Foi no Verão de 2020 que rebentou o caso que envolvia Carlos São Vicente, genro póstumo de Agostinho Neto. O processo começou de forma algo bizarra, com a Procuradoria-Geral da República angolana (PGR) a negar inicialmente qualquer transgressão de São Vicente, para rapidamente mudar de postura.
O certo é que, em 22 de Setembro de 2020, Carlos São Vicente foi preso preventivamente e o processo seguiu o seu curso: houve acusação, instrução contraditória e despacho de pronúncia realizado pelo juiz Adélio Chocolate a 25 de Maio de 2021 (ver aqui, aqui e aqui).
Depois do despacho de pronúncia, que no essencial confirmou a acusação do Ministério Público imputando a Carlos São Vicente a suspeita da prática de peculato, branqueamento de capitais e fraude fiscal, o advogado recorreu desse despacho para o Tribunal Supremo. Esse recurso foi recebido pelo juiz conselheiro Molares de Abreu, em substituição do presidente Joel Leonardo, que rapidamente decidiu que, face ao Código de Processo Penal em vigor, nos termos do artigo 354.º, o despacho de pronúncia era irrecorrível, mesmo na parte em que aprecia nulidades e outras questões prévias ou incidentais, desde que não fosse agravada a medida de coacção, o que obviamente não aconteceu. Assim sendo, tudo estava pronto para começar o julgamento, o juiz da 3.ª secção da Sala Criminal do Tribunal de Luanda, Edson Escrivão, marcou para o dia 17 de Agosto.
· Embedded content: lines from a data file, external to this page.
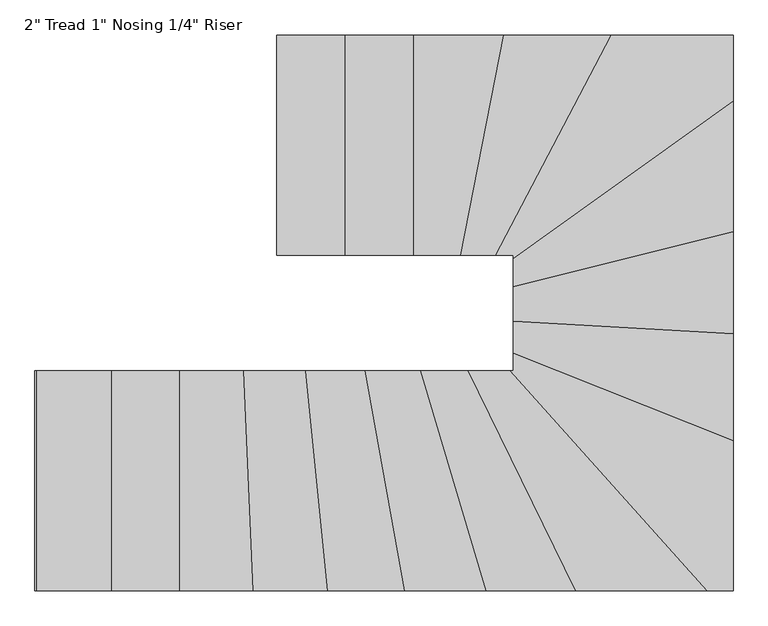
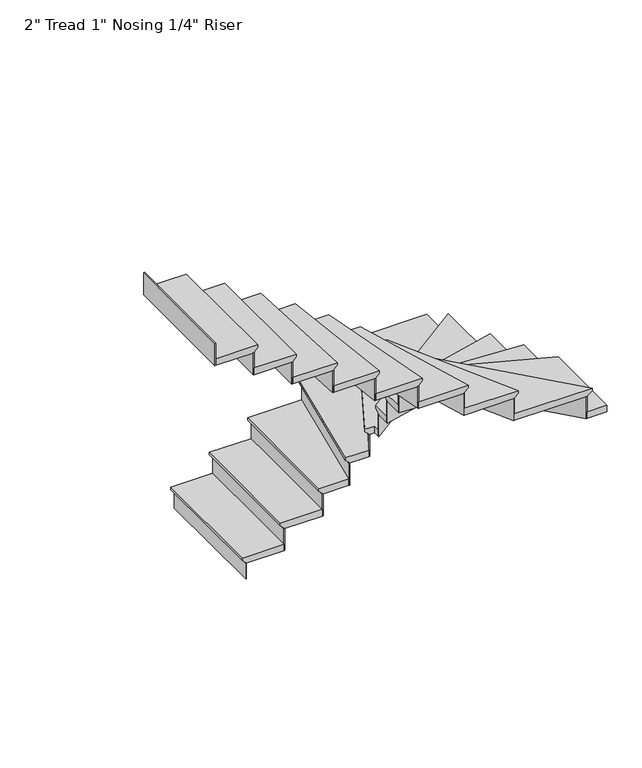
"""IFC4 building model written with IfcOpenShell, lengths in millimetres: stair flight geometry."""

from ifc_helpers import new_model, si_unit, origin, place, context, project, spatial, faceted_brep, source, transform, mapped, element, save


def stair_flight_546a6d32(model_context):
    return source(origin(), model_context, "Body", "Brep", [
        faceted_brep([(158.6923968, 2024.0935985, 3350.6833333), (158.6923968, 2024.0935985, 3369.7333333), (158.6923968, 2922.8476133, 3369.7333333), (158.6923968, 2922.8476133, 3350.6833333), (184.0923968, 2024.0935985, 3325.2833333), (184.0923968, 2922.8476133, 3325.2833333), (463.4923968, 2024.0935985, 3369.7333333), (463.4923968, 2922.8476133, 3369.7333333), (184.0923968, 2922.8476133, 3318.9333333), (463.4923968, 2922.8476133, 3318.9333333), (463.4923968, 2024.0935985, 3318.9333333), (184.0923968, 2024.0935985, 3318.9333333)], [[[0, 1, 2, 3]], [[4, 0, 3, 5]], [[2, 1, 6, 7]], [[8, 9, 10, 11]], [[2, 7, 9, 8, 5, 3]], [[8, 11, 4, 5]], [[6, 1, 0, 4, 11, 10]], [[7, 6, 10, 9]]]),
        faceted_brep([(184.0923968, 2024.0935985, 3318.9333333), (184.0923968, 2024.0935985, 3200.4), (190.4423968, 2024.0935985, 3200.4), (190.4423968, 2024.0935985, 3318.9333333), (184.0923968, 2922.8476133, 3318.9333333), (190.4423968, 2922.8476133, 3318.9333333), (190.4423968, 2922.8476133, 3200.4), (184.0923968, 2922.8476133, 3200.4)], [[[0, 1, 2, 3]], [[4, 5, 6, 7]], [[1, 0, 4, 7]], [[2, 1, 7, 6]], [[3, 2, 6, 5]], [[0, 3, 5, 4]]]),
        faceted_brep([(463.4923968, 2024.0935985, 3488.2666667), (463.4923968, 2024.0935985, 3318.9333333), (469.8423968, 2024.0935985, 3318.9333333), (469.8423968, 2024.0935985, 3488.2666667), (463.4923968, 2922.8476133, 3488.2666667), (469.8423968, 2922.8476133, 3488.2666667), (469.8423968, 2922.8476133, 3318.9333333), (463.4923968, 2922.8476133, 3318.9333333)], [[[0, 1, 2, 3]], [[4, 5, 6, 7]], [[1, 0, 4, 7]], [[2, 1, 7, 6]], [[3, 2, 6, 5]], [[0, 3, 5, 4]]]),
        faceted_brep([(438.0923968, 2922.8476133, 3539.0666667), (438.0923968, 2024.0935985, 3539.0666667), (742.8923968, 2024.0935985, 3539.0666667), (742.8923968, 2922.8476133, 3539.0666667), (463.4923968, 2922.8476133, 3488.2666667), (742.8923968, 2922.8476133, 3488.2666667), (742.8923968, 2024.0935985, 3488.2666667), (463.4923968, 2024.0935985, 3488.2666667), (463.4923968, 2922.8476133, 3494.6166667), (438.0923968, 2922.8476133, 3520.0166667), (463.4923968, 2024.0935985, 3494.6166667), (438.0923968, 2024.0935985, 3520.0166667)], [[[0, 1, 2, 3]], [[4, 5, 6, 7]], [[0, 3, 5, 4, 8, 9]], [[4, 7, 10, 8]], [[2, 1, 11, 10, 7, 6]], [[3, 2, 6, 5]], [[11, 1, 0, 9]], [[10, 11, 9, 8]]]),
        faceted_brep([(742.8923968, 2024.0935985, 3657.6), (742.8923968, 2024.0935985, 3488.2666667), (749.2423968, 2024.0935985, 3488.2666667), (749.2423968, 2024.0935985, 3657.6), (742.8923968, 2922.8476133, 3657.6), (749.2423968, 2922.8476133, 3657.6), (749.2423968, 2922.8476133, 3488.2666667), (742.8923968, 2922.8476133, 3488.2666667)], [[[0, 1, 2, 3]], [[4, 5, 6, 7]], [[1, 0, 4, 7]], [[2, 1, 7, 6]], [[3, 2, 6, 5]], [[0, 3, 5, 4]]]),
        faceted_brep([(717.4923968, 2922.8476133, 3708.4), (717.4923968, 2024.0935985, 3708.4), (934.4682952, 2024.0935985, 3708.4), (1111.0881205, 2922.8476133, 3708.4), (742.8923968, 2922.8476133, 3657.6), (1111.0881205, 2922.8476133, 3657.6), (934.4682952, 2024.0935985, 3657.6), (742.8923968, 2024.0935985, 3657.6), (742.8923968, 2922.8476133, 3663.95), (717.4923968, 2922.8476133, 3689.35), (742.8923968, 2024.0935985, 3663.95), (717.4923968, 2024.0935985, 3689.35)], [[[0, 1, 2, 3]], [[4, 5, 6, 7]], [[0, 3, 5, 4, 8, 9]], [[4, 7, 10, 8]], [[2, 1, 11, 10, 7, 6]], [[3, 2, 6, 5]], [[11, 1, 0, 9]], [[10, 11, 9, 8]]]),
        faceted_brep([(934.4682952, 2024.0935985, 3826.9333333), (934.4682952, 2024.0935985, 3657.6), (940.939748, 2024.0935985, 3657.6), (940.939748, 2024.0935985, 3826.9333333), (1111.0881205, 2922.8476133, 3826.9333333), (1117.5595733, 2922.8476133, 3826.9333333), (1117.5595733, 2922.8476133, 3657.6), (1111.0881205, 2922.8476133, 3657.6)], [[[0, 1, 2, 3]], [[4, 5, 6, 7]], [[1, 0, 4, 7]], [[2, 1, 7, 6]], [[3, 2, 6, 5]], [[0, 3, 5, 4]]]),
        faceted_brep([(1085.2023094, 2922.8476133, 3877.7333333), (908.5824841, 2024.0935985, 3877.7333333), (1081.601446, 2024.0935985, 3877.7333333), (1553.5566487, 2922.8476133, 3877.7333333), (1111.0881205, 2922.8476133, 3826.9333333), (1553.5566487, 2922.8476133, 3826.9333333), (1081.601446, 2024.0935985, 3826.9333333), (934.4682952, 2024.0935985, 3826.9333333), (1111.0881205, 2922.8476133, 3833.2833333), (1085.2023094, 2922.8476133, 3858.6833333), (934.4682952, 2024.0935985, 3833.2833333), (908.5824841, 2024.0935985, 3858.6833333)], [[[0, 1, 2, 3]], [[4, 5, 6, 7]], [[0, 3, 5, 4, 8, 9]], [[4, 7, 10, 8]], [[2, 1, 11, 10, 7, 6]], [[3, 2, 6, 5]], [[11, 1, 0, 9]], [[10, 11, 9, 8]]]),
        faceted_brep([(1081.601446, 2024.0935985, 3996.2666667), (1081.601446, 2024.0935985, 3826.9333333), (1088.7737218, 2024.0935985, 3826.9333333), (1088.7737218, 2024.0935985, 3996.2666667), (1553.5566487, 2922.8476133, 3996.2666667), (1560.7289245, 2922.8476133, 3996.2666667), (1560.7289245, 2922.8476133, 3826.9333333), (1553.5566487, 2922.8476133, 3826.9333333)], [[[0, 1, 2, 3]], [[4, 5, 6, 7]], [[1, 0, 4, 7]], [[2, 1, 7, 6]], [[3, 2, 6, 5]], [[0, 3, 5, 4]]]),
        faceted_brep([(2022.1441983, 2621.1058304, 4047.0666667), (2022.1441983, 2922.8476133, 4047.0666667), (1524.8675453, 2922.8476133, 4047.0666667), (1052.9123426, 2024.0935985, 4047.0666667), (1123.3901835, 2024.0935985, 4047.0666667), (1123.3901835, 1978.1363323, 4047.0666667), (2022.1441983, 2922.8476133, 3996.2666667), (2022.1441983, 2621.1058304, 3996.2666667), (1123.3901835, 1978.1363323, 3996.2666667), (1123.3901835, 2024.0935985, 3996.2666667), (1081.601446, 2024.0935985, 3996.2666667), (1553.5566487, 2922.8476133, 3996.2666667), (1081.601446, 2024.0935985, 4002.6166667), (1553.5566487, 2922.8476133, 4002.6166667), (1052.9123426, 2024.0935985, 4028.0166667), (1524.8675453, 2922.8476133, 4028.0166667)], [[[0, 1, 2, 3, 4, 5]], [[6, 7, 8, 9, 10, 11]], [[1, 0, 7, 6]], [[11, 10, 12, 13]], [[4, 3, 14, 12, 10, 9]], [[0, 5, 8, 7]], [[14, 3, 2, 15]], [[12, 14, 15, 13]], [[5, 4, 9, 8]], [[2, 1, 6, 11, 13, 15]]]),
        faceted_brep([(1123.3901835, 1978.1363323, 4165.6), (1123.3901835, 1978.1363323, 3996.2666667), (1123.3901835, 1970.328676, 3996.2666667), (1123.3901835, 1970.328676, 4165.6), (2022.1441983, 2621.1058304, 4165.6), (2022.1441983, 2613.298174, 4165.6), (2022.1441983, 2613.298174, 3996.2666667), (2022.1441983, 2621.1058304, 3996.2666667)], [[[0, 1, 2, 3]], [[4, 5, 6, 7]], [[1, 0, 4, 7]], [[2, 1, 7, 6]], [[3, 2, 6, 5]], [[0, 3, 5, 4]]]),
        faceted_brep([(2022.1441983, 2652.3364556, 4216.4), (1123.3901835, 2009.3669576, 4216.4), (1123.3901835, 1868.1880985, 4216.4), (2022.1441983, 2093.75794, 4216.4), (2022.1441983, 2621.1058304, 4165.6), (2022.1441983, 2093.75794, 4165.6), (1123.3901835, 1868.1880985, 4165.6), (1123.3901835, 1978.1363323, 4165.6), (2022.1441983, 2621.1058304, 4171.95), (2022.1441983, 2652.3364556, 4197.35), (1123.3901835, 1978.1363323, 4171.95), (1123.3901835, 2009.3669576, 4197.35)], [[[0, 1, 2, 3]], [[4, 5, 6, 7]], [[0, 3, 5, 4, 8, 9]], [[4, 7, 10, 8]], [[2, 1, 11, 10, 7, 6]], [[3, 2, 6, 5]], [[11, 1, 0, 9]], [[10, 11, 9, 8]]]),
        faceted_brep([(1123.3901835, 1868.1880985, 4334.9333333), (1123.3901835, 1868.1880985, 4165.6), (1123.3901835, 1861.6411553, 4165.6), (1123.3901835, 1861.6411553, 4334.9333333), (2022.1441983, 2093.75794, 4334.9333333), (2022.1441983, 2087.2109968, 4334.9333333), (2022.1441983, 2087.2109968, 4165.6), (2022.1441983, 2093.75794, 4165.6)], [[[0, 1, 2, 3]], [[4, 5, 6, 7]], [[1, 0, 4, 7]], [[2, 1, 7, 6]], [[3, 2, 6, 5]], [[0, 3, 5, 4]]]),
        faceted_brep([(2022.1441983, 2119.9457129, 4385.7333333), (1123.3901835, 1894.3758714, 4385.7333333), (1123.3901835, 1727.7101185, 4385.7333333), (2022.1441983, 1676.930447, 4385.7333333), (2022.1441983, 2093.75794, 4334.9333333), (2022.1441983, 1676.930447, 4334.9333333), (1123.3901835, 1727.7101185, 4334.9333333), (1123.3901835, 1868.1880985, 4334.9333333), (2022.1441983, 2093.75794, 4341.2833333), (2022.1441983, 2119.9457129, 4366.6833333), (1123.3901835, 1868.1880985, 4341.2833333), (1123.3901835, 1894.3758714, 4366.6833333)], [[[0, 1, 2, 3]], [[4, 5, 6, 7]], [[0, 3, 5, 4, 8, 9]], [[4, 7, 10, 8]], [[2, 1, 11, 10, 7, 6]], [[3, 2, 6, 5]], [[11, 1, 0, 9]], [[10, 11, 9, 8]]]),
        faceted_brep([(1123.3901835, 1727.7101185, 4504.2666667), (1123.3901835, 1727.7101185, 4334.9333333), (1123.3901835, 1721.3499912, 4334.9333333), (1123.3901835, 1721.3499912, 4504.2666667), (2022.1441983, 1676.930447, 4504.2666667), (2022.1441983, 1670.5703197, 4504.2666667), (2022.1441983, 1670.5703197, 4334.9333333), (2022.1441983, 1676.930447, 4334.9333333)], [[[0, 1, 2, 3]], [[4, 5, 6, 7]], [[1, 0, 4, 7]], [[2, 1, 7, 6]], [[3, 2, 6, 5]], [[0, 3, 5, 4]]]),
        faceted_brep([(2022.1441983, 1702.3709564, 4555.0666667), (1123.3901835, 1753.1506279, 4555.0666667), (1123.3901835, 1594.7393557, 4555.0666667), (2022.1441983, 1238.4229709, 4555.0666667), (2022.1441983, 1676.930447, 4504.2666667), (2022.1441983, 1238.4229709, 4504.2666667), (1123.3901835, 1594.7393557, 4504.2666667), (1123.3901835, 1727.7101185, 4504.2666667), (2022.1441983, 1676.930447, 4510.6166667), (2022.1441983, 1702.3709564, 4536.0166667), (1123.3901835, 1727.7101185, 4510.6166667), (1123.3901835, 1753.1506279, 4536.0166667)], [[[0, 1, 2, 3]], [[4, 5, 6, 7]], [[0, 3, 5, 4, 8, 9]], [[4, 7, 10, 8]], [[3, 2, 6, 5]], [[11, 1, 0, 9]], [[10, 11, 9, 8]], [[2, 1, 11, 10, 7, 6]]]),
        faceted_brep([(1123.3901835, 1594.7393557, 4673.6), (1123.3901835, 1594.7393557, 4504.2666667), (1123.3901835, 1587.9085225, 4504.2666667), (1123.3901835, 1587.9085225, 4673.6), (2022.1441983, 1238.4229709, 4673.6), (2022.1441983, 1231.5921376, 4673.6), (2022.1441983, 1231.5921376, 4504.2666667), (2022.1441983, 1238.4229709, 4504.2666667)], [[[0, 1, 2, 3]], [[4, 5, 6, 7]], [[1, 0, 4, 7]], [[2, 1, 7, 6]], [[3, 2, 6, 5]], [[0, 3, 5, 4]]]),
        faceted_brep([(1880.1651285, 652.4935985, 4724.4), (2022.1441983, 652.4935985, 4724.4), (2022.1441983, 1265.7463038, 4724.4), (1123.3901835, 1622.0626887, 4724.4), (1123.3901835, 1551.2476133, 4724.4), (1076.3040211, 1551.2476133, 4724.4), (2022.1441983, 652.4935985, 4673.6), (1880.1651285, 652.4935985, 4673.6), (1076.3040211, 1551.2476133, 4673.6), (1123.3901835, 1551.2476133, 4673.6), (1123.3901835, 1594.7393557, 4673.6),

No entanto, nunca nada é simples na justiça angolana. Agora, uns dias antes do início do julgamento, o mesmo juiz conselheiro Molares de Abreu veio pedir de novo o processo, aparentemente para tomar nova decisão acerca da possibilidade de recurso do despacho de pronúncia. No momento em que escrevemos, não se sabe o teor dessa nova decisão, apenas se tem conhecimento deste vaivém inusitado. O que parecia resolvido, não o está, o que estava decidido, vai ser decidido novamente. Tudo isto parece muito confuso de explicar.
Especulativamente, pode-se considerar que estamos perante uma questão de aplicação de lei no tempo. Quando o processo contra Carlos São Vicente começou, a lei processual era outra e admitiria recurso do despacho de pronúncia, o que é uma situação mais favorável ao arguido; assim, pretende-se que tal seja tido em conta pelo Tribunal Supremo, deixando subir o recurso, o que obviamente atrasará o início do julgamento. Segundo algumas fontes, o mesmo juiz conselheiro Molares de Abreu que indeferiu a pretensão inicial de recurso de São Vicente poderá dar como inexistente esse despacho de indeferimento inicial, e alegar que o juiz de primeira instância deu continuidade ao processo sem esperar a resposta do Tribunal Supremo… Na realidade, qualifica-se como algo tresloucado o juiz de primeira instância por fazer andar um processo que deveria estar parado… a ser confirmado pelos factos, é de facto bizarro.
A questão essencial a ter em conta são os prazos de prisão preventiva: quanto mais o processo se atrasar, maior é a probabilidade de a lei automaticamente obrigar à libertação de Carlos São Vicente. De acordo com a Lei das Medidas Cautelares em vigor no momento da detenção do genro póstumo de Agostinho Neto, este terá de ser libertado se não tiver sido condenado em primeira instância até 22 de Novembro de 2021, o mesmo resultando da actual norma do Código do Processo Penal (artigo 283.º, n.º 1).
Facilmente se entende que, caso se reverta a decisão inicial do Tribunal Supremo de considerar irrecorrível o despacho de pronúncia, se chegará à conclusão que não haverá decisão de primeira instância em Novembro de 2021, devendo São Vicente ser imediatamente libertado.
Se há uma geração de novos juízes com boa formação deontológica e jurídica, a verdade é que subsiste um manancial de juízes que não estão preparados para lidar com estas questões.
Essa impreparação contribui para que os objectivos de combate à corrupção sejam desfeitos a partir do momento em que entram nas escadas de um tribunal, não pelo facto de os arguidos serem inocentes e absolvidos, mas pelo facto de alguns juízes serem capturados pelos interesses obscuros da corrupção. Então, a conclusão é que há que rever todo o sistema judiciário de combate à corrupção, isolando-o destas más influências e impedindo-o de ser recapturado por aqueles que devem ser julgados.